Les portes ont beau être au centre de la pièce (comme c'est inhabituel !), elles ne sont pas non plus très bien montées sur leurs gonds : le passage d'une chambre à l'autre oblige à changer de caméra, procédé dont la répétition nous fait bien voir les fois où l'on aurait mieux fait de la fermer, ainsi que les bizarretés de synchronisation entre les cris qui les traversent et les clés remplissant leur rôle par prestidigitation.
Les qualités du film sont des talents impérissables de Chaplin : l'écriture (au sens large seulement, par contre) et la direction d'acteurs. Il donne vie à Brando et Loren (quoique ne sachant pas maquiller la mésentente qui planait) mais de manière égale à des rôles moins importants qui finissent par créer l'ambiance et la cohérence de ce bateau n'ayant malheureusement rien pour lui en termes de mise en scène.

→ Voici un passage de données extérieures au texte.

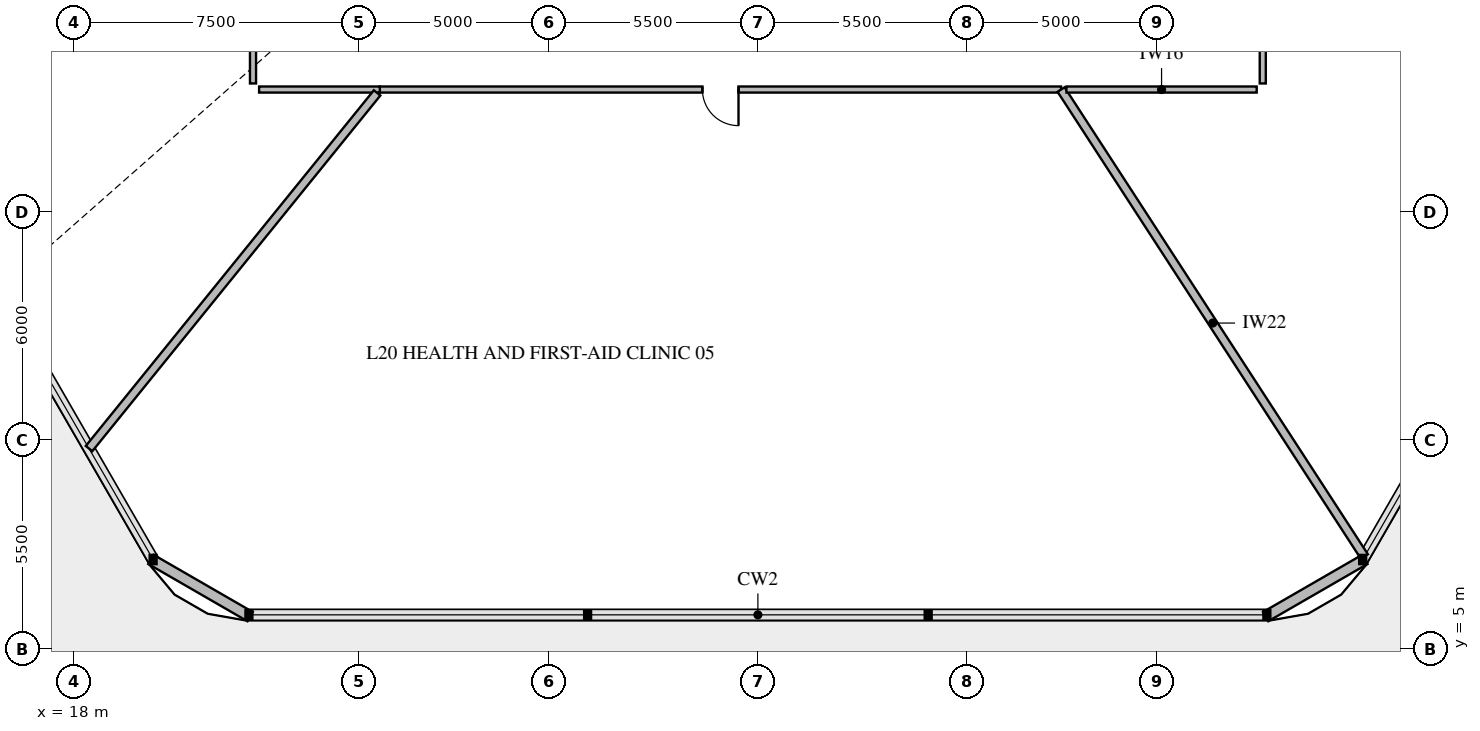
"""IFC4 building model, lengths in metres.
Left out: names, types, materials, properties, quantities, classifications, styles, units other than length and angle.
Written with IfcOpenShell. Run it as: python <this file> out.ifc"""

import sys

from ifc_helpers import new_model, si_unit, direction, frame, frame_2d, origin, place, context, subcontext, project, spatial, rectangle, extrude, element, fill, save


model = new_model("IFC4")
c1 = context("Model", 3, precision=1e-05, world=origin(), true_north=direction((0.0, 1.0)))
c2 = subcontext(c1, "Body", "Model", "MODEL_VIEW")
j1 = project(units=[si_unit("LENGTHUNIT", "METRE"), si_unit("PLANEANGLEUNIT", "RADIAN")], contexts=[c1])
p1 = place(None, origin())
s1 = spatial("IfcSite", under=j1, at=p1, CompositionType="ELEMENT")
p2 = place(p1, origin())
s2 = spatial("IfcBuilding", under=s1, at=p2, CompositionType="ELEMENT")
p3 = place(p2, frame((0.0, 0.0, 83.4)))
s3 = spatial("IfcBuildingStorey", under=s2, at=p3, CompositionType="ELEMENT", Elevation=83.4)
for number, where, z_axis, x_axis in (
    (1, (51.971, 7.352, 0.0), (0.0, 0.0, 1.0), (-0.866, -0.5, 0.0)),
    (2, (22.64, 5.844, 0.0), (0.0, 0.0, 1.0), (-0.866, 0.5, 0.0)),
):
    element("IfcWall", number, at=place(p3, frame(where, z_axis=z_axis, x_axis=x_axis)), inside=s3, PredefinedType="SOLIDWALL", context=c2, shape_type="SweptSolid", body=[
        extrude(rectangle(XDim=3.015, YDim=0.28, at=frame_2d((1.508, 0.0))), origin(), (0.0, 0.0, 1.0), 3.85),
    ])
p4 = place(p3, frame((22.715, 34.104, 0.0), z_axis=(0.0, 0.0, 1.0), x_axis=(0.0, -1.0, 0.0)))
e3 = element("IfcWall", 3, at=p4, inside=s3, PredefinedType="PARTITIONING", context=c2, shape_type="SweptSolid", body=[
    extrude(rectangle(XDim=14.229, YDim=0.16, at=frame_2d((7.115, 0.0))), origin(), (0.0, 0.0, 1.0), 3.15),
])
p5 = place(p4, frame((6.54, 0.0, 0.0)))
e4 = element("IfcOpeningElement", 4, at=p5, cuts=e3, PredefinedType="OPENING", context=c2, shape_type="SweptSolid", body=[
    extrude(rectangle(XDim=1.15, YDim=2.2, at=frame_2d((0.575, 1.1))), frame((0.0, 0.092, 0.0), z_axis=(0.0, -1.0, 0.0), x_axis=(1.0, 0.0, 0.0)), (0.0, 0.0, 1.0), 0.184),
])
p6 = place(p3, frame((26.052, 19.715, 0.0), z_axis=(0.0, 0.0, 1.0), x_axis=(1.0, 0.0, 0.0)))
e5 = element("IfcWall", 5, at=p6, inside=s3, PredefinedType="PARTITIONING", context=c2, shape_type="SweptSolid", body=[
    extrude(rectangle(XDim=17.926, YDim=0.16, at=frame_2d((8.963, 0.0))), origin(), (0.0, 0.0, 1.0), 3.15),
])
p7 = place(p6, frame((8.488, 0.0, 0.0)))
e6 = element("IfcOpeningElement", 6, at=p7, cuts=e5, PredefinedType="OPENING", context=c2, shape_type="SweptSolid", body=[
    extrude(rectangle(XDim=0.95, YDim=2.1, at=frame_2d((0.475, 1.05))), frame((0.0, 0.092, 0.0), z_axis=(0.0, -1.0, 0.0), x_axis=(1.0, 0.0, 0.0)), (0.0, 0.0, 1.0), 0.184),
])
p8 = place(p3, frame((49.285, 19.875, 0.0), z_axis=(0.0, 0.0, 1.0), x_axis=(0.0, 1.0, 0.0)))
e7 = element("IfcWall", 7, at=p8, inside=s3, PredefinedType="PARTITIONING", context=c2, shape_type="SweptSolid", body=[
    extrude(rectangle(XDim=15.685, YDim=0.16, at=frame_2d((7.842, 0.0))), origin(), (0.0, 0.0, 1.0), 3.15),
])
p9 = place(p8, frame((7.367, 0.0, 0.0)))
e8 = element("IfcOpeningElement", 8, at=p9, cuts=e7, PredefinedType="OPENING", context=c2, shape_type="SweptSolid", body=[
    extrude(rectangle(XDim=0.95, YDim=2.1, at=frame_2d((0.475, 1.05))), frame((0.0, 0.092, 0.0), z_axis=(0.0, -1.0, 0.0), x_axis=(1.0, 0.0, 0.0)), (0.0, 0.0, 1.0), 0.184),
])
p10 = place(p3, frame((22.875, 19.715, 0.0), z_axis=(0.0, 0.0, 1.0), x_axis=(1.0, 0.0, 0.0)))
e9 = element("IfcWall", 9, at=p10, inside=s3, PredefinedType="PARTITIONING", context=c2, shape_type="SweptSolid", body=[
    extrude(rectangle(XDim=3.177, YDim=0.16, at=frame_2d((1.588, 0.0))), origin(), (0.0, 0.0, 1.0), 3.15),
])
p11 = place(p3, frame((25.98, 19.627, 0.0), z_axis=(0.0, 0.0, 1.0), x_axis=(-0.629321252665, -0.777145263734, 0.0)))
e10 = element("IfcWall", 10, at=p11, inside=s3, PredefinedType="PARTITIONING", context=c2, shape_type="SweptSolid", body=[
    extrude(rectangle(XDim=12.045, YDim=0.22, at=frame_2d((6.022, 0.0))), origin(), (0.0, 0.0, 1.0), 3.4),
])
p12 = place(p3, frame((43.978, 19.715, 0.0), z_axis=(0.0, 0.0, 1.0), x_axis=(0.54462522792, -0.838679534216, 0.0)))
e11 = element("IfcWall", 11, at=p12, inside=s3, PredefinedType="PARTITIONING", context=c2, shape_type="SweptSolid", body=[
    extrude(rectangle(XDim=14.654, YDim=0.22, at=frame_2d((7.327, 0.0))), origin(), (0.0, 0.0, 1.0), 3.1),
])
p13 = place(p3, frame((44.119, 19.715, 0.0), z_axis=(0.0, 0.0, 1.0), x_axis=(1.0, 0.0, 0.0)))
e12 = element("IfcWall", 12, at=p13, inside=s3, PredefinedType="PARTITIONING", context=c2, shape_type="SweptSolid", body=[
    extrude(rectangle(XDim=5.006, YDim=0.16, at=frame_2d((2.503, 0.0))), origin(), (0.0, 0.0, 1.0), 3.15),
])
p14 = place(p7, frame((0.95, 0.0, 0.0), z_axis=(0.0, 0.0, 1.0), x_axis=(-1.0, 0.0, 0.0)))
e13 = element("IfcDoor", 13, at=p14, inside=s3, OperationType="SINGLE_SWING_LEFT", PredefinedType="DOOR", context=c2, shape_type="SweptSolid", body=[
    extrude(rectangle(XDim=0.95, YDim=2.1, at=frame_2d((0.475, 1.05))), frame((0.0, 0.025, 0.0), z_axis=(0.0, -1.0, 0.0), x_axis=(1.0, 0.0, 0.0)), (0.0, 0.0, 1.0), 0.05),
])
fill(e6, e13)
save(model, sys.argv[1])

On obtiendra une once de jubilation dans un humour assourdi, dans les douces pâmoisons et les légers soubresauts d'une aristocratie détourée à la gomme dure, et cette sympathie que Chaplin semble avoir développée sur le tard pour le pouvoir et ses serviteurs humains. Mais le produit final semble boucler la boucle avec un vaudeville médiocre dont Chaplin avait pourtant été un des premiers à dissocier le cinéma. Une fin mélancolique pour un artiste de génie qu'il ne faudra pour autant cesser de louer.